Inside my dataframe:
no pre_code
1 23, 234, 345
2 234, 345
3 23
4 NaN
I want to count number of string inside pre_code
columns, What I have tried so far was:
df['count'] = df['pre_code'].astype('str').str.split(',').str.len().fillna(0)
but with the code above, it counts NaN as 1. So, I dont get the desired results.
Before, I also have tried this way:
df['count'] = df['pre_code'].str.count(',').add(1).fillna(0)
Unfortunately, the code above also did not work on my dataframe. It gives me 0 for the single entry string. For your information, I have 2200 rows on my dataframe, and somehow the code could not work perfectly for those number of rows. When I tried for only 5 rows, somehow it worked well.

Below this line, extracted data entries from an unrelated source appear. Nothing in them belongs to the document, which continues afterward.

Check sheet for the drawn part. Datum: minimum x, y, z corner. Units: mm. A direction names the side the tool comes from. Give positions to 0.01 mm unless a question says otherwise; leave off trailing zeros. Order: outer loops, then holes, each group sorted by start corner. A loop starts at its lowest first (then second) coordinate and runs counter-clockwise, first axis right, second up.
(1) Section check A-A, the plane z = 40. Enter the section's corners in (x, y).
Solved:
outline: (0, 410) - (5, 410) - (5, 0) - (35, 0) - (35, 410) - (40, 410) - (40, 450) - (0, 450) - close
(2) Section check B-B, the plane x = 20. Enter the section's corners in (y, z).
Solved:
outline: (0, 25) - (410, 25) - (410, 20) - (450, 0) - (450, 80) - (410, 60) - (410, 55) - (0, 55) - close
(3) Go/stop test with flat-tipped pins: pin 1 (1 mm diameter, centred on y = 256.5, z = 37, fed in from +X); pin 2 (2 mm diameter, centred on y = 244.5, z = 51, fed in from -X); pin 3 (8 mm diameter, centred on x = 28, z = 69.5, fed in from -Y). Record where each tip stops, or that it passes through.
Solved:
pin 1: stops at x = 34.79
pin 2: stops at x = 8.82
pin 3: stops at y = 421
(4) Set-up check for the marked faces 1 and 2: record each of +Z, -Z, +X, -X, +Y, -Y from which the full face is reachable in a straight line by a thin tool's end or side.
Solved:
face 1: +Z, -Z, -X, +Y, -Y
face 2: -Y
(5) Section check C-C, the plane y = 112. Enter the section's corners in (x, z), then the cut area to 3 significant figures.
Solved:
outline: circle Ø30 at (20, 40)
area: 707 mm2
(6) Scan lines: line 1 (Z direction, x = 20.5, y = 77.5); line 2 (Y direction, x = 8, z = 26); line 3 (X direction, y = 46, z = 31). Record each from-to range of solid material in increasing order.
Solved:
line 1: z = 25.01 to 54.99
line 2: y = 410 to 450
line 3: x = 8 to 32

I expect the result would be like:
no pre_code count
1 23, 234, 345 3
2 234, 345 2
3 23 1
4 NaN 0
any solution for my case?
thanks in advance.
CodePudding user response:
I think you need nan
like np.nan
instead string nan
, then both solutions working correct:
You need test how looks values without numbers for replacement:
print (df.loc[~df['pre_code'].str.contains('\d'), 'pre_code'].unique().tolist())
['nan']
df['count'] = df['pre_code'].replace('nan', np.nan).str.split(',').str.len().fillna(0)
Or:
df['count'] = df['pre_code'].replace('nan', np.nan).str.count(',').add(1).fillna(0)
print (df)
no pre_code count
0 1 23, 234, 345 3.0
1 2 234, 345 2.0
2 3 23 1.0
3 4 NaN 0.0
EDIT:
EDIT: More general solution is convert values without numbers to NaN
in Series.where
with Series.str.contains
:
df['count'] = (df['pre_code'].where(df['pre_code'].str.contains('\d', na=False))
.str.count(',')
.add(1)
.fillna(0)
.astype(int))
print (df)
no pre_code count
0 1 23, 234, 345 3
1 2 234, 345 2
2 3 23 1
3 4 NaN 0
CodePudding user response:
Try:
df['count'] = df.loc[df['pre_code'].notna(), 'pre_code'] \
.astype(str).str.split(',').str.len() \
.reindex(df.index, fill_value=0)
print(df)
# Output:
no pre_code count
0 1 23, 234, 345 3
1 2 234, 345 2
2 3 23 1
3 4 NaN 0
I'm not sure you have to convert to str (`astype(str)).